Boomers Recognize Need for Long-Term Care, But Fail to Obtain Coverage

A recent study of Baby Boomers finds that while the Boomers have experienced the struggle their parents are facing with long-term care, few are doing anything to acquire their own coverage. The results of the survey show that more needs to be done to educate and motive Baby Boomers to seek long-term care coverage sooner, rather than later.

The online survey, conducted by the research firm of Mathew Greenwald & Associates, was taken by 1,073 Americans between the ages of 46 to 64. The survey revealed that personal experiences, such as the current economic hardship or watching their parents age, have inspired many Boomers to take hold of their financial future, including seeking out long-term care coverage.

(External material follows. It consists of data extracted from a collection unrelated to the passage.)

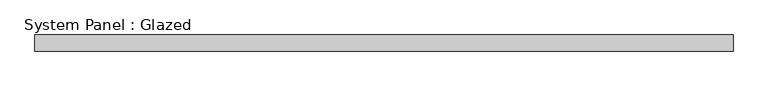
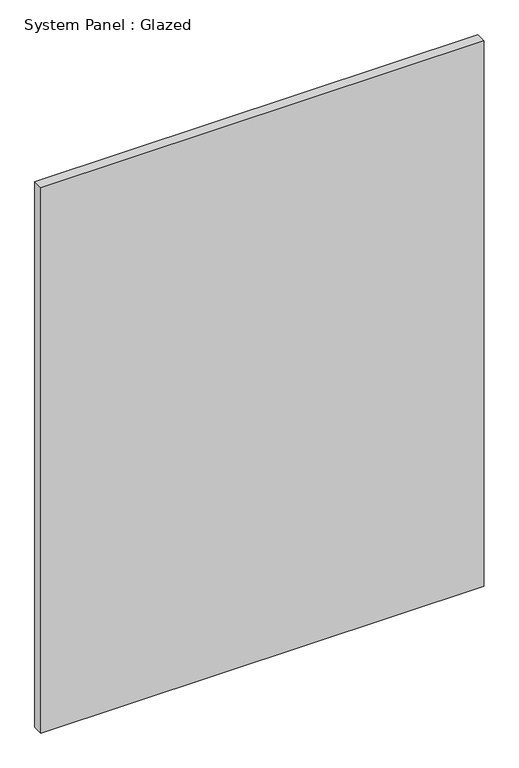
"""IFC4 building model written with IfcOpenShell, lengths in millimetres: plate geometry, System Panel : Glazed."""

from ifc_helpers import new_model, si_unit, origin, origin_with_axes, place, context, project, spatial, polyline, outline, extrude, source, transform, mapped, element, save


def system_panel_glazed_cbd410f7(model_context):
    return source(origin(), model_context, "Body", "SweptSolid", [
        extrude(outline(polyline([(536.575, 19.05), (-536.575, 19.05), (-536.575, 44.45), (536.575, 44.45), (536.575, 19.05)])), origin_with_axes(), (0.0, 0.0, 1.0), 1396.1033231),
    ])


if __name__ == "__main__":
    model = new_model("IFC4")
    model_context = context("Model", 3, world=origin())
    ifc_project = project(units=[si_unit("LENGTHUNIT", "METRE", prefix="MILLI")], contexts=[model_context])
    site = spatial("IfcSite", under=ifc_project)
    building = spatial("IfcBuilding", under=site)
    placement = place(None, origin())
    system_panel_glazed_shape = system_panel_glazed_cbd410f7(model_context)
    element("IfcPlate", 1, ObjectType="System Panel : Glazed", at=placement, inside=building, context=model_context, shape_type="MappedRepresentation", body=[
        mapped(system_panel_glazed_shape, transform((0.0, 0.0, 0.0), x_axis=(1.0, 0.0, 0.0), y_axis=(0.0, 1.0, 0.0), z_axis=(0.0, 0.0, 1.0))),
    ])
    save(model, "model.ifc")

# Revit data of these elements
# Type "System Panel : Glazed"
#   Construction Type Id = "GSP4R"
#   Analytic Construction = "1/8 in Pilkington single glazing"
#   Visual Light Transmittance = 0.9
#   Solar Heat Gain Coefficient = 0.86
#   Heat Transfer Coefficient (U) = 1.18115 BTU/(h·ft²·°F)
#   Define Thermal Properties by = 1
# Element 1 (IfcPlate, "System Panel : Glazed")
#   Materials on its faces: "Glass"
# Materials
#   "Glass": class "Glass", colour RGB 0 128 192, transparency 0.75, Description = "Soda Lime Glass", Cost = 0
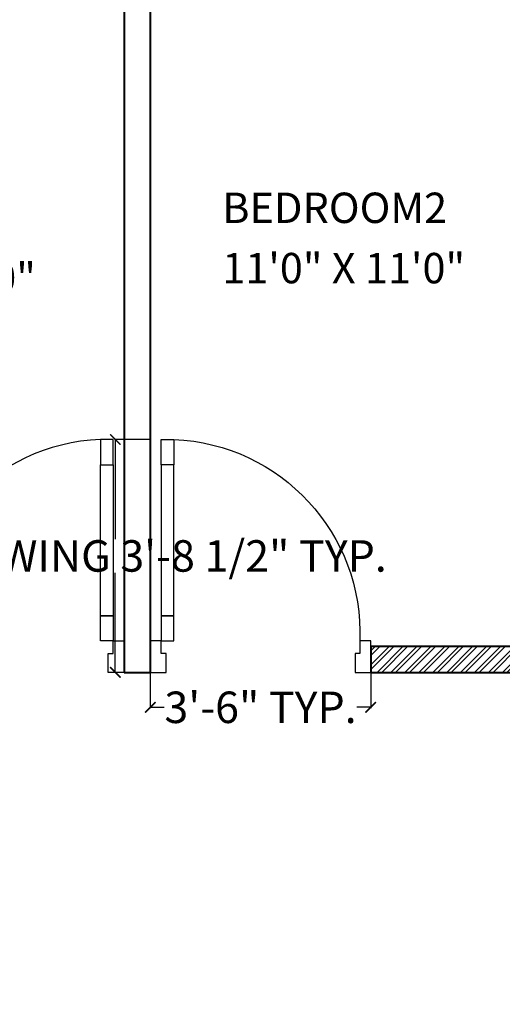
# Model space of a CAD drawing. Units: inches. Extents: x 528 to 2520, y -151 to 1354.
# Tile 8 of 41: x 720 to 812, y 1043 to 1231. Entities that reach past the tile are written whole.
import ezdxf

# ---------------------------------------------------------------- set-up
doc = ezdxf.new("R2010")
doc.units = ezdxf.units.IN
doc.header["$MEASUREMENT"] = 0
for name, color, linetype, lineweight in [('A-ANNO-DIMS', 2, 'Continuous', 18), ('A-AREA-IDEN', 7, 'Continuous', 18), ('A-Door', 150, 'Continuous', 25), ('A-WALL-PATT', 6, 'Continuous', 13), ('walls', 7, 'Continuous', 40)]:
    doc.layers.add(name, color=color, linetype=linetype, lineweight=lineweight)
doc.layers.add('NT', color=1, linetype='Continuous')
doc.styles.get("Standard").update_dxf_attribs({"font": 'arial.ttf'})
doc.dimstyles.get("Standard").update_dxf_attribs({"dimtxt": 6, "dimasz": 2, "dimexe": 0.18, "dimexo": 0.0625, "dimgap": 0.09, "dimtad": 0, "dimtih": 1, "dimtoh": 1, "dimdec": 1, "dimzin": 0, "dimdsep": 46, "dimlunit": 3, "dimtxsty": 'Standard', "dimblk": 'ARCHTICK', "dimcen": 0.09, "dimadec": 0, "dimazin": 0, "dimtfac": 1, "dimtdec": 1, "dimtofl": 0, "dimtmove": 0, "dimatfit": 3, "dimfxl": 1, "dimtolj": 1, "dimtzin": 0, "dimarcsym": 0})

# ---------------------------------------------------------------- blocks, each defined once
blk = doc.blocks.new('A$C7DB75F4D')
at = {"layer": 'A-Door'}
for points in [[(625, 740), (625, 660), (665, 660), (665, 740)], [(625, 180), (625, 660), (665, 660), (665, 180)], [(625, 100), (625, 180), (665, 180), (665, 100)], [(35, 100), (35, 60), (50, 60), (50, 50), (50, 0), (0, 0), (0, 100)], [(665, 100), (700, 100), (700, 0), (650, 0), (650, 50), (650, 60), (665, 60)]]:
    blk.add_lwpolyline(points, close=True, dxfattribs=at)
at = {"layer": 'NT'}
blk.add_arc((650, 125), 615.5, 92.3278, 182.3278, dxfattribs=at)
blk = doc.blocks.new('_ArchTick')
at = {"color": 0, "linetype": 'ByBlock', "const_width": 0.15}
blk.add_lwpolyline([(-0.5, -0.5), (0.5, 0.5)], dxfattribs=at)
blk = doc.blocks.new('*D40')
at = {"layer": 'A-ANNO-DIMS', "color": 0, "lineweight": -2, "transparency": 16777216}
for p, q in [((744.63, 1150.5), (737.86, 1150.5)), ((738.04, 1150.5), (738.04, 1131.5)), ((738.04, 1106.1), (738.04, 1125.11)), ((744.63, 1106.1), (737.86, 1106.1))]:
    blk.add_line(p, q, dxfattribs=at)
at = {"layer": 'Defpoints', "color": 0, "transparency": 16777216}
for p in [(738.04, 1150.5), (744.7, 1150.5), (744.7, 1106.1)]:
    blk.add_point(p, dxfattribs=at)
at = {"layer": 'A-ANNO-DIMS', "color": 0, "lineweight": -2, "transparency": 16777216, "xscale": 2, "yscale": 2, "zscale": 2}
for p, rotation in [((738.04, 1150.5), 90), ((738.04, 1106.1), 270)]:
    blk.add_blockref('_ArchTick', p, dxfattribs=dict(at, rotation=rotation))
at = {"layer": 'A-ANNO-DIMS', "color": 0, "transparency": 16777216, "insert": (738.04, 1128.3), "char_height": 6, "attachment_point": 5}
blk.add_mtext('\\A1;DOOR SWING 3\'-8 1/2" TYP.', dxfattribs=at)
blk = doc.blocks.new('*D41')
at = {"layer": 'A-ANNO-DIMS', "color": 0, "lineweight": -2, "transparency": 16777216}
for p, q in [((744.7, 1106.04), (744.7, 1099.26)), ((786.7, 1106.04), (786.7, 1099.26)), ((744.7, 1099.44), (747.32, 1099.44)), ((786.7, 1099.44), (784.07, 1099.44))]:
    blk.add_line(p, q, dxfattribs=at)
at = {"layer": 'Defpoints', "color": 0, "transparency": 16777216}
for p in [(744.7, 1106.1), (786.7, 1106.1), (744.7, 1099.44)]:
    blk.add_point(p, dxfattribs=at)
at = {"layer": 'A-ANNO-DIMS', "color": 0, "lineweight": -2, "transparency": 16777216, "xscale": 2, "yscale": 2, "zscale": 2, "rotation": 180}
blk.add_blockref('_ArchTick', (744.7, 1099.44), dxfattribs=at)
at = {"layer": 'A-ANNO-DIMS', "color": 0, "lineweight": -2, "transparency": 16777216, "xscale": 2, "yscale": 2, "zscale": 2}
blk.add_blockref('_ArchTick', (786.7, 1099.44), dxfattribs=at)
at = {"layer": 'A-ANNO-DIMS', "color": 0, "transparency": 16777216, "insert": (765.7, 1099.44), "char_height": 6, "attachment_point": 5}
blk.add_mtext('\\A1;3\'-6" TYP.', dxfattribs=at)

msp = doc.modelspace()

# ---------------------------------------------------------------- hatches: boundary and pattern name
at = {"layer": 'A-WALL-PATT'}
h = msp.add_hatch(dxfattribs=at)
h.set_pattern_fill('ANSI32', color=256, scale=5)
h.paths.add_polyline_path([(595.7, 1163.86), (586.7, 1163.86), (586.7, 969.1), (598.24, 969.1), (603.24, 969.1), (603.24, 974.1), (595.7, 974.1), (595.7, 1082.1), (691.7, 1082.1), (691.7, 1087.1), (691.7, 1106.1), (697.7, 1106.1), (697.7, 1111.1), (686.7, 1111.1), (686.7, 1087.1), (595.7, 1087.1)])
h.paths.add_polyline_path([(688.7, 974.1), (651.24, 974.1), (651.24, 969.1), (688.7, 969.1)])
h.paths.add_polyline_path([(885.7, 1171.37), (876.7, 1171.37), (876.7, 1111.1), (786.7, 1111.1), (786.7, 1106.1), (876.7, 1106.1), (876.7, 974.1), (786.7, 974.1), (786.7, 969.1), (876.7, 969.1), (876.7, 825.1), (834.7, 825.1), (834.7, 816.1), (885.7, 816.1)])
h.paths.add_polyline_path([(885.7, 1317.1), (876.65, 1317.1), (876.65, 1308.1), (876.7, 1308.1), (876.7, 1248.1), (822.7, 1248.1), (822.7, 1243.1), (876.7, 1243.1), (876.7, 1219.37), (885.7, 1219.37)])
h.paths.add_polyline_path([(852.65, 1317.1), (787.7, 1317.1), (787.7, 1248.1), (784.26, 1248.1), (784.26, 1243.1), (792.7, 1243.1), (792.7, 1249.1), (792.7, 1308.1), (852.65, 1308.1)])
h.paths.add_polyline_path([(684.7, 1317.1), (619.7, 1317.1), (619.7, 1308.1), (679.7, 1308.1), (679.7, 1248.1), (679.7, 1243.1), (684.7, 1243.1), (684.7, 1248.25)])
h.paths.add_polyline_path([(595.7, 1308.1), (595.7, 1317.1), (586.7, 1317.1), (586.7, 1211.86), (595.7, 1211.86), (595.7, 1243.1), (649.7, 1243.1), (649.7, 1248.1), (595.7, 1248.1)])
h.paths.add_polyline_path([(744.7, 969.1), (744.7, 974.1), (724.7, 974.1), (724.7, 969.1), (739.7, 969.1), (739.7, 874.29), (744.7, 874.29)])
h.paths.add_polyline_path([(739.7, 969.1), (727.7, 969.1), (727.7, 965.12), (730.74, 965.12), (730.74, 961.68), (734.43, 961.68), (734.43, 957.24), (739.7, 957.24)], flags=17)
h.paths.add_polyline_path([(786.7, 825.1), (744.7, 825.1), (744.7, 832.29), (739.7, 832.29), (739.7, 816.1), (786.7, 816.1)])

# ---------------------------------------------------------------- linework, layer by layer
at = {"layer": 'walls'}
for p, q in [((739.7, 1243.1), (739.7, 1111.1)), ((744.7, 1243.1), (744.7, 1111.1)), ((739.7, 1111.1), (739.7, 1106.1)), ((744.7, 1111.1), (744.7, 1106.1)), ((786.7, 1111.1), (876.7, 1111.1)), ((786.7, 1111.1), (786.7, 1106.1)), ((739.7, 1106.1), (744.7, 1106.1)), ((786.7, 1106.1), (876.7, 1106.1))]:
    msp.add_line(p, q, dxfattribs=at)

# ---------------------------------------------------------------- block references
at = {"layer": 'A-Door', "yscale": 0.0600000000000059, "zscale": 0.0600000000000059}
for p, xscale in [((697.7, 1106.1), 0.0600000000000059), ((786.7, 1106.1), -0.0600000000000059)]:
    msp.add_blockref('A$C7DB75F4D', p, dxfattribs=dict(at, xscale=xscale))

# ---------------------------------------------------------------- texts
at = {"layer": 'A-AREA-IDEN'}
for s, height, p in [('BEDROOM2', 5.793, (758.41, 1191.78)), ('11\'0" X 11\'0"', 5.7926, (758.41, 1180.28)), ('12\'0" X 11\'0"', 5.7926, (676.64, 1178.46))]:
    msp.add_text(s, height=height, dxfattribs=at).set_placement(p)

# ---------------------------------------------------------------- dimensions: what is measured, and where the dimension line sits
at = {"layer": 'A-ANNO-DIMS'}
for base, p1, p2, angle, text, picture, middle in [((738.04, 1150.5), (744.7, 1106.1), (744.7, 1150.5), 90, 'DOOR SWING <> TYP.', '*D40', (738.04, 1128.3)), ((744.7, 1099.44), (786.7, 1106.1), (744.7, 1106.1), 180, '<> TYP.', '*D41', (765.7, 1099.44))]:
    dim = msp.add_linear_dim(base=base, p1=p1, p2=p2, angle=angle, text=text, dimstyle='Standard', override={"dimdec": 1, "dimlfac": 1, "dimrnd": 0, "dimzin": 1, "dimdsep": 46, "dimlunit": 4, "dimfrac": 2}, dxfattribs=at)
    dim.commit()
    dim.dimension.update_dxf_attribs({"geometry": picture, "text_midpoint": middle})

doc.saveas('drawing.dxf')

“This study explored the influence a parents’ long-term care experience can have on their Boomer children,” said Mathew Greenwald, of Greenwald & Associates. “Boomers overwhelmingly say they learned the consequences of being unprepared, however very few currently have long-term care insurance. Even though Baby Boomers face a more than seven in ten chance that they will have some long-term care needs later in life, many haven’t connected the risk to their own personal situation.”

The survey’s findings exposed powerful recognition of the benefits of having long-term care insurance among Baby Boomers – mainly for financial and emotional benefits such as protecting their families from paying, providing peace of mind, ensuring retirement savings remain, and helping with the ability to leave an inheritance.

Approximately 72 percent of Baby Boomers whose parents had used long-term care insurance said it was a “good value” for reasons such as increasing quality of life, preserving the parents’ nest egg, and lessening the family’s financial contribution to care. Of those Boomers whose parents did not have long-term care coverage and needed it, 71 percent think that coverage would have benefited their families.

The study found that while more than half of the surveyed Boomers worry that they will need long-term care themselves, only 9 percent of these Boomers have actually purchased long-term care coverage. Many signs point to the fact that Boomers do not fully understand how long-term care financing works and do not grasp the concept of paying now and benefiting later on in life.

Ultimately, the survey does show the generalized lesson Boomers have learned from their parents. It seems that a parents’ penchant for future planning is passed to their children. Boomers with parents who had the prudence to purchase long-term care insurance are more likely to own coverage for themselves than those with parents who did not purchase long-term coverage. Of the Boomers surveyed who already owned long-term care insurance, 17 percent had parents who had also purchased coverage, while only 7 percent did not have parents with coverage.